Berlín está más vacío, con menos coches de lo normal. Los comercios están cerrados y se escucha con claridad a los pájaros trinar. Los padres pasean a sus hijos y hay mucho corredor suelto bajo el sol. Es todo tan idílico, que da miedo. Todos somos conscientes de la tétrica razón por la que esta placidez es posible. Nunca la primavera ha sido tan insípida.

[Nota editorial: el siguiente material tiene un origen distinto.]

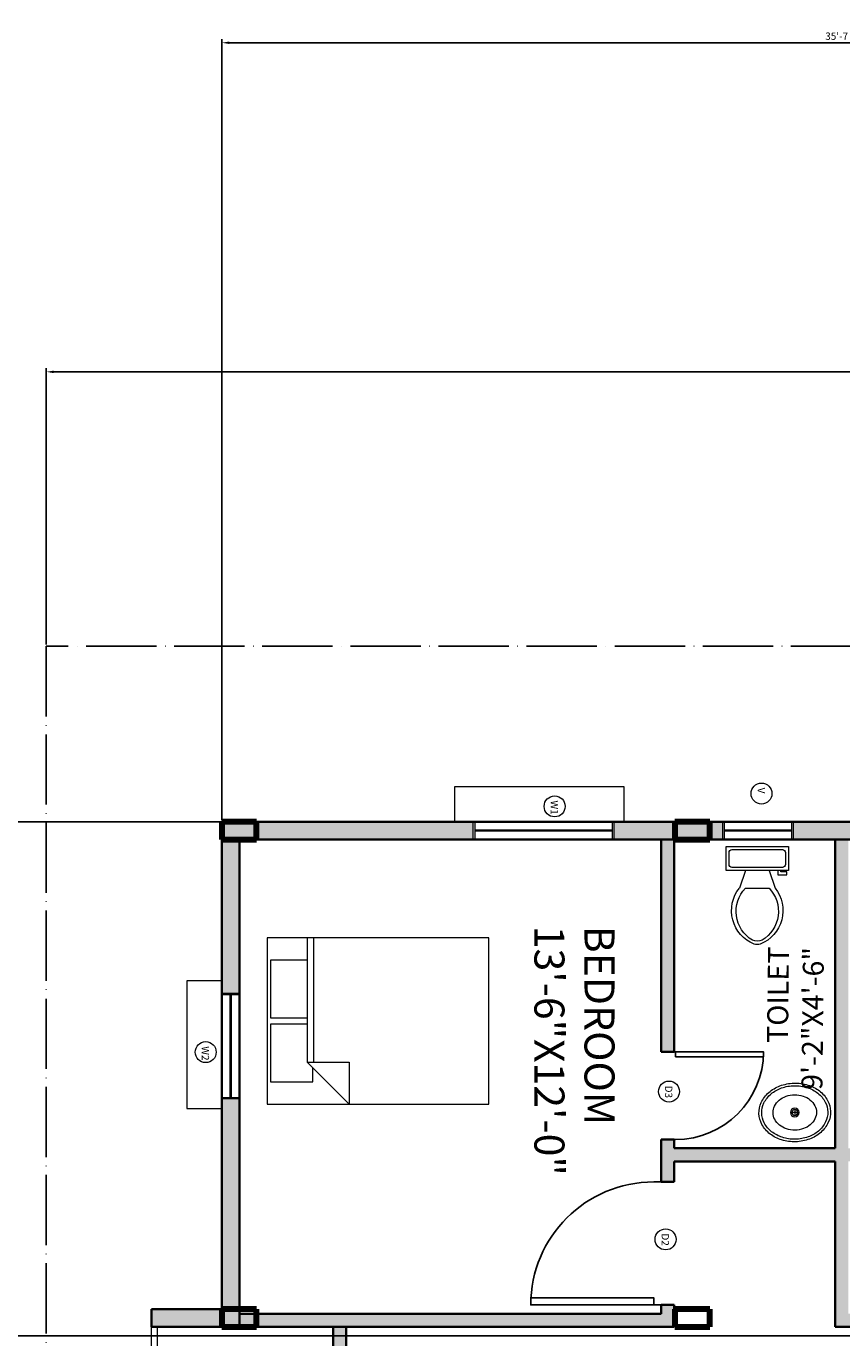
# Model space of a CAD drawing. Units: inches. Extents: x 7028582 to 7030319, y 63109697 to 63111305.
# Tile 11 of 18: x 7029168 to 7029446, y 63110857 to 63111305. Entities that reach past the tile are written whole.
import ezdxf

# ---------------------------------------------------------------- set-up
doc = ezdxf.new("R2010")
doc.units = ezdxf.units.IN
doc.linetypes.add('ACAD_ISO04W100', pattern=[30, 24, -3, 0, -3])
for name, color, linetype, lineweight in [('A-AREA-IDEN', 7, 'Continuous', 18), ('A-DOOR-IDEN', 20, 'Continuous', 13), ('A-FLOR-FIXT', 9, 'Continuous', 18), ('A-FLOR-HRAL', 5, 'Continuous', 18), ('A-GLAZ-IDEN', 20, 'Continuous', 13), ('A-WALL-PATT', 8, 'Continuous', 13), ('C-ANNO-DIMS', 7, 'Continuous', 18), ('C-PROP', 1, 'ACAD_ISO04W100', 25), ('doors', 20, 'Continuous', 25), ('furniture', 9, 'Continuous', 18), ('PILLARS', 220, 'Continuous', 100), ('S-COLS-PATT', 220, 'Continuous', 100), ('walls', 6, 'Continuous', 35), ('WINDOW SHADOW', 9, 'Continuous', 13), ('windows', 5, 'Continuous', 18)]:
    doc.layers.add(name, color=color, linetype=linetype, lineweight=lineweight)
doc.styles.get("Standard").update_dxf_attribs({"font": 'arial.ttf'})
doc.dimstyles.new('ISO-25', dxfattribs={"dimtxt": 2.5, "dimasz": 2.5, "dimexe": 1.25, "dimexo": 0.625, "dimtad": 1, "dimlunit": 4, "dimtxsty": 'Standard', "dimcen": 2.5, "dimadec": 0, "dimazin": 0, "dimtfac": 1, "dimtmove": 0, "dimatfit": 3, "dimfxl": 1, "dimarcsym": 0})

# ---------------------------------------------------------------- blocks, each defined once
blk = doc.blocks.new('*U2')
for p, q in [((0, 0), (0, -5)), ((30, 0), (30, -5))]:
    blk.add_line(p, q)
blk.add_lwpolyline([(0, 0), (0, 30), (1.75, 30), (1.75, 0)], close=True)
blk.add_arc((0, 0), 30, 0, 90)
blk = doc.blocks.new('Toilet - top')
for p, q in [((9.5, -6), (9.5, -2)), ((-10, -8.5), (-8, -8.5)), ((-10, -9.5), (-10, -8.5)), ((-8, -8.5), (-8, -8)), ((-7, -8), (-7, -9.5)), ((-4, -8), (-6, -14)), ((4, -8), (6, -14)), ((-7, -9.5), (-10, -9.5)), ((4, -14), (-4, -14))]:
    blk.add_line(p, q)
blk.add_lwpolyline([(10.5, -8), (10.5, 0), (-10.5, 0), (-10.5, -8)], close=True)
for points in [[(-9.5, -2), (-9.5, -6)], [(8.5, -1), (-8.5, -1)], [(-8.5, -7), (8.5, -7)]]:
    blk.add_lwpolyline(points)
for centre, radius, start, end in [((-8.62, -1.88), 0.884, 81.8699, 188.1301), ((8.62, -1.88), 0.884, 351.8699, 98.1301), ((-8.62, -6.12), 0.884, 171.8699, 278.1301), ((8.62, -6.12), 0.884, 261.8699, 8.1301), ((3.52, -21.58), 12.17, 141.4691, 247.9714), ((4.2, -21.82), 11.33, 136.3677, 238.9468), ((-3.52, -21.58), 12.17, 292.0284, 38.5307), ((-4.2, -21.82), 11.33, 301.053, 43.6321), ((0, -27.88), 4, 245.7318, 294.2682), ((0, -29), 4, 254.8605, 285.1395)]:
    blk.add_arc(centre, radius, start, end)
blk = doc.blocks.new('Sink - Oval top')
for p, q in [((-1, 0), (1, 0)), ((0, 1), (0, -1))]:
    blk.add_line(p, q)
for points in [[(-12.23, 0.39, 0.117634), (-11.46, -3.36, 0.104469), (-8.88, -6.8, 0.090016), (-5.08, -9.07, 0.08192), (-0.32, -10.02, 0.08192), (4.49, -9.38, 0.090016), (8.42, -7.36, 0.104469), (11.22, -4.09, 0.117634), (12.23, -0.39, 0.117634), (11.46, 3.36, 0.104469), (8.88, 6.8, 0.090016), (5.08, 9.07, 0.08192), (0.32, 10.02, 0.08192), (-4.49, 9.38, 0.090016), (-8.42, 7.36, 0.104469), (-11.22, 4.09, 0.117634)], [(-11.29, 0.16, 0.118622), (-10.52, -3.25, 0.104678), (-8.07, -6.36, 0.089562), (-4.54, -8.37, 0.081185), (-0.13, -9.15, 0.081185), (4.3, -8.49, 0.089562), (7.89, -6.58, 0.104678), (10.42, -3.55, 0.118622), (11.29, -0.16, 0.118622), (10.52, 3.25, 0.104678), (8.07, 6.36, 0.089562), (4.54, 8.37, 0.081185), (0.13, 9.15, 0.081185), (-4.3, 8.49, 0.089562), (-7.89, 6.58, 0.104678), (-10.42, 3.55, 0.118622)], [(-7.42, 0.08, 0.118283), (-6.91, -2.17, 0.104607), (-5.29, -4.21, 0.089718), (-2.97, -5.53, 0.081436), (-0.07, -6.04, 0.081436), (2.84, -5.59, 0.089718), (5.2, -4.33, 0.104607), (6.86, -2.32, 0.118283), (7.42, -0.08, 0.118283), (6.91, 2.17, 0.104607), (5.29, 4.21, 0.089718), (2.97, 5.53, 0.081436), (0.07, 6.04, 0.081436), (-2.84, 5.59, 0.089718), (-5.2, 4.33, 0.104607), (-6.86, 2.32, 0.118283)]]:
    blk.add_lwpolyline(points, format="xyb", close=True)
for radius in [1.5, 1]:
    blk.add_circle((0, 0), radius)
blk = doc.blocks.new('Bed - Queen')
for p, q in [((0, -80.00003), (0, 0)), ((0, 0), (59.99999, 0)), ((59.99999, 0), (59.99999, -80.00003)), ((7.99999, -1.2), (28.79998, -1.2)), ((7.99999, -14.4), (7.99999, -1.2)), ((28.79998, -1.2), (28.79998, -14.4)), ((31.19999, -1.2), (51.99999, -1.2)), ((31.19999, -14.4), (31.19999, -1.2)), ((51.99999, -1.2), (51.99999, -16.4)), ((0, -14.4), (44.8, -14.4)), ((44.8, -16.8), (0, -16.8)), ((59.99999, -29.6), (44.8, -14.4)), ((44.8, -14.4), (44.8, -29.6)), ((51.99999, -16.4), (46.79936, -16.4)), ((44.8, -29.6), (59.99999, -29.6)), ((59.99999, -80.00003), (0, -80.00003))]:
    blk.add_line(p, q)
blk = doc.blocks.new('*D11')
at = {"layer": 'C-ANNO-DIMS', "color": 0, "lineweight": -2, "transparency": 16777216}
for p, q in [((7029174.71, 63111093.68), (7029174.71, 63111188.03)), ((7030233.21, 63111186.78), (7029177.21, 63111186.78)), ((7030235.71, 63111093.68), (7030235.71, 63111188.03))]:
    blk.add_line(p, q, dxfattribs=at)
at = {"layer": 'C-ANNO-DIMS', "color": 0, "lineweight": 100, "transparency": 16777216}
for points in [[(7029177.21, 63111187.2), (7029177.21, 63111186.36), (7029174.71, 63111186.78)], [(7030233.21, 63111187.2), (7030233.21, 63111186.36), (7030235.71, 63111186.78)]]:
    blk.add_solid(points, dxfattribs=at)
at = {"layer": 'Defpoints', "color": 0, "lineweight": 100, "transparency": 16777216}
for p in [(7029174.71, 63111186.78), (7029174.71, 63111093.06), (7030235.71, 63111093.06)]:
    blk.add_point(p, dxfattribs=at)
at = {"layer": 'C-ANNO-DIMS', "color": 0, "transparency": 16777216, "insert": (7029705.21, 63111193.53), "char_height": 12, "attachment_point": 5}
blk.add_mtext('88\'-5"', dxfattribs=at)
blk = doc.blocks.new('WIN-SASH-36')
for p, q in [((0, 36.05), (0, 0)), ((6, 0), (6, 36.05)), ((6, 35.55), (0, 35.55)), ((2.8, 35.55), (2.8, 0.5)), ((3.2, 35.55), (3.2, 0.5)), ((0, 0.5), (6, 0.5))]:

En el parque todavía venden droga, pero un poco más separados, que no es cosa de enzarzarse con la policía por unos centímetros aquí o allá. La pradera está llena de gente más o menos distanciada. Juegan con la pelota, se mecen en una hamaca instalada entre dos árboles. Todo bien, pero resulta inevitable pensar que tal vez al final lo acabaremos pagando.
La disciplina mental impone venirse arriba. Disfrutar de privilegios como un paseo en bici y saborearlos por mí y por los millones de personas que estos días no pueden. La efímera felicidad asoma al ritmo de la música que sale a toda pastilla de un coche, pero dura poco. El miedo, tenaz acompañante estos días, vuelve a hacer su aparición. Si el virus queda suspendido en el aire, me lo estoy tragando todo.